Hewlett-Packard (HP) Co. is tapping into the cloud to provide data classification Software as a Service (SaaS) for building taxonomies for records management. The Web-based service, called Taxonom, is in private beta tests and will likely be generally available later this year.
Taxonom helps IT administrators and others such as content management pros and corporate librarians quickly build relevant taxonomies for the enterprise information they commonly deal with. The program can cut the time to create such taxonomies from months to days.
Companies often pay consultants to build custom taxonomies with a corresponding catalog used to provide a conceptual framework for information retrieval. Taxonom is designed to generate the taxonomy on the Web, saving both time and money, according to Jean-Luc Chatelain, chief technology officer, information optimization, HP Software & Solutions, Technology Solutions Group.
To use the service, organizations describe their business domain and the service compiles a standard taxonomy for that business domain based on a knowledge base compiled by HP from various sources and stored in the cloud.
"On the roadmap is the ability to have people feed their own taxonomies into the knowledge base," Chatelain said. The taxonomy would also be built using ontology, or a working model of entities and the interactions between them.

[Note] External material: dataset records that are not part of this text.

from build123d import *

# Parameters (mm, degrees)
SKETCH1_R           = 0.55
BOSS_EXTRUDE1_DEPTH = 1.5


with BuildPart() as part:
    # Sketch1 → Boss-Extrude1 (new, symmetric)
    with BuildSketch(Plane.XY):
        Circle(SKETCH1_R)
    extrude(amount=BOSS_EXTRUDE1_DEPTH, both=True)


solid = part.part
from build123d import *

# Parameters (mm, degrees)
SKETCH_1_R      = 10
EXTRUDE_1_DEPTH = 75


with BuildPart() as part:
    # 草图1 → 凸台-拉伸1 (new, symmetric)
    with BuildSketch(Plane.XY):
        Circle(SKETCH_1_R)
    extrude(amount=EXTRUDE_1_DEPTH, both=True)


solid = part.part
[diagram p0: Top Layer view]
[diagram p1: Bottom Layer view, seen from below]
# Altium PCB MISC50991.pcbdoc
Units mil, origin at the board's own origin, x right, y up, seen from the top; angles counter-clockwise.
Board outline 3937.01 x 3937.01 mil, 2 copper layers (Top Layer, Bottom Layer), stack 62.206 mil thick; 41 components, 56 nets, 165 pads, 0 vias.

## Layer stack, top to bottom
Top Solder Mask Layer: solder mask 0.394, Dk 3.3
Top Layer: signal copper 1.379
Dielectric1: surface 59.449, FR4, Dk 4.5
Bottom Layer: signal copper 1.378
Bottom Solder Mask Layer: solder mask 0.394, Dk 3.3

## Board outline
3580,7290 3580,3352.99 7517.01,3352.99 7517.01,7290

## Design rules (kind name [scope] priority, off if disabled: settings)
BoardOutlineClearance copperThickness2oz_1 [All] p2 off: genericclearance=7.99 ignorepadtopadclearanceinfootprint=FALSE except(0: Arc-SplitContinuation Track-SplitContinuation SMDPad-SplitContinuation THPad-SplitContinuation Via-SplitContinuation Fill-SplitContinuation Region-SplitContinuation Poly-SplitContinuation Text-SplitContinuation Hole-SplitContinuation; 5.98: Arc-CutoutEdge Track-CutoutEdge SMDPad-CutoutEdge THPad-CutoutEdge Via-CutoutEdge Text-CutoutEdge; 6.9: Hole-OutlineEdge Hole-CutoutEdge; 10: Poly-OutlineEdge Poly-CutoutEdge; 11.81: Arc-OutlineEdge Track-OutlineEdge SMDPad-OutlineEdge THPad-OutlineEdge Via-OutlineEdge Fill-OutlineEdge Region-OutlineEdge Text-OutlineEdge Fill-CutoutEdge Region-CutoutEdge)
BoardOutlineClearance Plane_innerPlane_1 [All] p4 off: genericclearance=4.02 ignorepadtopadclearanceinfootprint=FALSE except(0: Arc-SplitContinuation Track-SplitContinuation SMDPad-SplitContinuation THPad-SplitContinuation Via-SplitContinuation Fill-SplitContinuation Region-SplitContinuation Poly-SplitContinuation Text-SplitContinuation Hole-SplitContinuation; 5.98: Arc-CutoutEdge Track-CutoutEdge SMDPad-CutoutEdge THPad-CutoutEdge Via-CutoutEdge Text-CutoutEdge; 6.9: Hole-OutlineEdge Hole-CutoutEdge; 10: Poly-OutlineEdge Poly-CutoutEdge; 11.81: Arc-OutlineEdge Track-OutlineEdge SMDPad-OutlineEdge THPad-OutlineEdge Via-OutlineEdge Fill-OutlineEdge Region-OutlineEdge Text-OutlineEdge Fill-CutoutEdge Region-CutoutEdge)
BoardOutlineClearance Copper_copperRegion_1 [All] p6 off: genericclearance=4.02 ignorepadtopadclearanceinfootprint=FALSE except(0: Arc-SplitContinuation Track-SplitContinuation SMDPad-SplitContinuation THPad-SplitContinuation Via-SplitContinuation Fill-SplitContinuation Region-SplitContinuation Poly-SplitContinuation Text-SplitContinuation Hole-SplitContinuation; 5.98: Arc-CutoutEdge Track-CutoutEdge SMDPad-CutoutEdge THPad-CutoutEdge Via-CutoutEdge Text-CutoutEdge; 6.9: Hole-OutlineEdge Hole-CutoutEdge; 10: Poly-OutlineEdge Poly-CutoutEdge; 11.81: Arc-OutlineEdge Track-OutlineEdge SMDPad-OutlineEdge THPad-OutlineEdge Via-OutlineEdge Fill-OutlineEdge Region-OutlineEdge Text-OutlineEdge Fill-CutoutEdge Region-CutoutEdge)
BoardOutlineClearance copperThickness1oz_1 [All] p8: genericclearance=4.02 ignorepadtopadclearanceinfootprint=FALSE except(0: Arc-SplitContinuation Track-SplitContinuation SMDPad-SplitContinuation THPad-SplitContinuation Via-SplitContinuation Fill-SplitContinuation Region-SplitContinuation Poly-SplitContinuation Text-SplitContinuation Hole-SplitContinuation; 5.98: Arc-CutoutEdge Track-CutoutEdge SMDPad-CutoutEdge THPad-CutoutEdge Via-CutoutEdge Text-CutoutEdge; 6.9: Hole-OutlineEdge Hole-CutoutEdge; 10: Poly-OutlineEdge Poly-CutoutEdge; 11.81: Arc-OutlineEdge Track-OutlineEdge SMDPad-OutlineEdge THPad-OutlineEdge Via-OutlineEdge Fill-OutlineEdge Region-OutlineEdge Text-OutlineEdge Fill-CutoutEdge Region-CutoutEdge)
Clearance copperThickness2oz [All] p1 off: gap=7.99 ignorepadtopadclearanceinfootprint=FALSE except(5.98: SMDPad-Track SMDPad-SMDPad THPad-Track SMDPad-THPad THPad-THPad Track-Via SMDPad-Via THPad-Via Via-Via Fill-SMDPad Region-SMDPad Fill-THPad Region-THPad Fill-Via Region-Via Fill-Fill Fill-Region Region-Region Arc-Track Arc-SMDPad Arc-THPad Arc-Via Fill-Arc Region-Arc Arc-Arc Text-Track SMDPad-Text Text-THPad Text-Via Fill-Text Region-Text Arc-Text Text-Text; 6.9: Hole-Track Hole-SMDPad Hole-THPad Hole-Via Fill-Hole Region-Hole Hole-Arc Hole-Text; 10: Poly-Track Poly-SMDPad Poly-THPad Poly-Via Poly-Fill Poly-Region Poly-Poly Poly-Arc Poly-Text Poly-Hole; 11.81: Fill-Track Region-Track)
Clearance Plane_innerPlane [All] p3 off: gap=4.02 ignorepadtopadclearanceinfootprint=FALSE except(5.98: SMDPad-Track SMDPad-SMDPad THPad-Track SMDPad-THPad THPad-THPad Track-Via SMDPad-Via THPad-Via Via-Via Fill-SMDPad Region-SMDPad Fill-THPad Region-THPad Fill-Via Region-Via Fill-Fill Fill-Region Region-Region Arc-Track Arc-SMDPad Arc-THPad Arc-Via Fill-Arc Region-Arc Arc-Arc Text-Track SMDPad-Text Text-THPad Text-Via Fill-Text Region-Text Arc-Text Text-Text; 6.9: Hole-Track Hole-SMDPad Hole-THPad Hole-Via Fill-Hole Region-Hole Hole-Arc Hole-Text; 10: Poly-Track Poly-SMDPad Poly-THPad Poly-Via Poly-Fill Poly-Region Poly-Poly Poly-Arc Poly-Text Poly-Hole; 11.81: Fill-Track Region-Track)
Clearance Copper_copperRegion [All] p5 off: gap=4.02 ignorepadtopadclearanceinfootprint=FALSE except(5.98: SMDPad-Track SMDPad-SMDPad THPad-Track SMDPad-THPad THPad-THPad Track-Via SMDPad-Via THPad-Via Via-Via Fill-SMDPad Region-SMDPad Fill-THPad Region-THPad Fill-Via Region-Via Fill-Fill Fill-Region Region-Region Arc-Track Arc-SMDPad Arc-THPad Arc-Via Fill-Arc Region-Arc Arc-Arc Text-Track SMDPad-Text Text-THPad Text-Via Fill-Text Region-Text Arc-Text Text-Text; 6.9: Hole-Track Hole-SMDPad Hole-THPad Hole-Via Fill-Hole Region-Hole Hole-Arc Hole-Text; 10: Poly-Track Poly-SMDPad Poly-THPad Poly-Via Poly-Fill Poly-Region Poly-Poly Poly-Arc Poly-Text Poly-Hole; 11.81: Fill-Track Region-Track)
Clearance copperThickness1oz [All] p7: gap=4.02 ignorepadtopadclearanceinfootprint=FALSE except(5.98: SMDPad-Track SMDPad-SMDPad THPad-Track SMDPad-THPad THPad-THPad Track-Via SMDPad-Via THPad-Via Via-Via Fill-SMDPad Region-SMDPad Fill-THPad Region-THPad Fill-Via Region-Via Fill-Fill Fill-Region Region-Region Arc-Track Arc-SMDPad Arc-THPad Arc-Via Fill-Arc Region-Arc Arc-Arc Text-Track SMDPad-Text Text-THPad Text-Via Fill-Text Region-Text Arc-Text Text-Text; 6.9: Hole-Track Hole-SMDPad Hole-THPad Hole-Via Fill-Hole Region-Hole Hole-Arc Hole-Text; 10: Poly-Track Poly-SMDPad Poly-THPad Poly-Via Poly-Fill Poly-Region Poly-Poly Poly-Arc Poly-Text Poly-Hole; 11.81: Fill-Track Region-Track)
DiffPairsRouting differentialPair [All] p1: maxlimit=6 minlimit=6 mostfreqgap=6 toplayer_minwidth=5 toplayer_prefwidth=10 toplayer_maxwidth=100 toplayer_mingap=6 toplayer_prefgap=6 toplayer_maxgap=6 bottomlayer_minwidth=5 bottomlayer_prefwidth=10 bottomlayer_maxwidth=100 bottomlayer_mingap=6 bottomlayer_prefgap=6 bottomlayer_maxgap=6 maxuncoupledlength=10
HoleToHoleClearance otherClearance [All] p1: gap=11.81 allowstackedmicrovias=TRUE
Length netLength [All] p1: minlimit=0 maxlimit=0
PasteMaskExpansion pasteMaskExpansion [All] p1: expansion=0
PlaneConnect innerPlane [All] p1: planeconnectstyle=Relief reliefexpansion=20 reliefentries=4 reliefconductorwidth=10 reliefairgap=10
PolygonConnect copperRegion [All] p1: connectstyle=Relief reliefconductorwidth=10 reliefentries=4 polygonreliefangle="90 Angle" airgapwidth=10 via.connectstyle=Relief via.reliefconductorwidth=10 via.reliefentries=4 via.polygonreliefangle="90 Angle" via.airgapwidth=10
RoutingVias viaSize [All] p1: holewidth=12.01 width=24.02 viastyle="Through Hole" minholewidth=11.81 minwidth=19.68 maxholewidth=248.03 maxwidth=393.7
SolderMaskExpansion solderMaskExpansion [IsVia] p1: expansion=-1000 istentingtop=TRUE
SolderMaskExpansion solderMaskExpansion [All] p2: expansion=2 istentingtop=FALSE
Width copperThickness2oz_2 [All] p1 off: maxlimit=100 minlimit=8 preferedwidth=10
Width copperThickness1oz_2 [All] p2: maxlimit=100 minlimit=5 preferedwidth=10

Chatelain said if a customer entered "dentistry," a taxonomy might be generated containing the terms "hygienist," "filling," "drill" and "patient." Ontology organizes the taxonomy according to the relationship between those concepts – the dentist hires a hygienist and uses a drill to give a patient a filling. Ontology can also be used to distinguish between different definitions of the same concept, such as whether "Jaguar" refers to a car or an animal.
There are already data classification and indexing tools, such as HP's TRIM enterprise content management and Integrated Archive Platform (IAP) appliance, that can ingest taxonomies and use them to classify data. A Taxonom user would still need such a tool to complete the data classification process.
"Most companies have very complex records management policies written by lawyers," Chatelain said. "Taxonom could feed TRIM to ultimately get the policy together with the data, building toward the Holy Grail, which is an automated records management solution."
IAP customer Iain Liddell, policy development manager at Brunel University in West London, UK, is beginning to add ontology and data classification into other parts of his infrastructure such as email filtering. Liddell said he would welcome the ability to add those capabilities to IAP. He said building internally developed taxonomies can take too long to remain relevant, especially at an educational institution. "If we put something together in August or September, by the time January or February rolled around, we'd be six months behind the curve," he said.
HP's Chatelain said users will be able to update the taxonomy as many times as they want. Although Hewlett-Packard hasn't settled on a pricing model for the service, it's possible the model would consist of a subscription for frequent updaters and a fee per taxonomy file for those who use it sparingly.
Chatelain said HP has no current plans to integrate Taxonom with other products.
Brian Babineau, a senior analyst at Milford, Mass.-based Enterprise Strategy Group, said data classification and indexing tools like those offered by Autonomy Corp., FAST and Attivio Inc. can generate taxonomies for a user. "The issue with auto-generated taxonomies is that they have no context, i.e., what business you are in," he said.
"If you know what kind of action you're going to take after you organize your data, building your own [through a service like Taxonom] makes a ton of sense. If I am going to identify and manage records, I build my taxonomy to help me find records," Babineau explained. "If I have no idea what I'm going to do once I know more about my data, an auto-generated one may tell me 'You have a ton of forms with patients' medical records -- maybe you should do something about it.'"
While Chatelain said Taxonom won't be exclusive to IAP and TRIM, the vendor is looking to prop up those products after falling behind in the content management and archiving space with its prior archiving platform, the Reference Information Storage System (RISS). HP overhauled RISS and renamed it IAP in 2007, but has yet to catch up with market leaders in this space.
"HP needs to build awareness around their information management solutions," Babineau said. "Not many customers put them on their shortlist for email archiving or content management."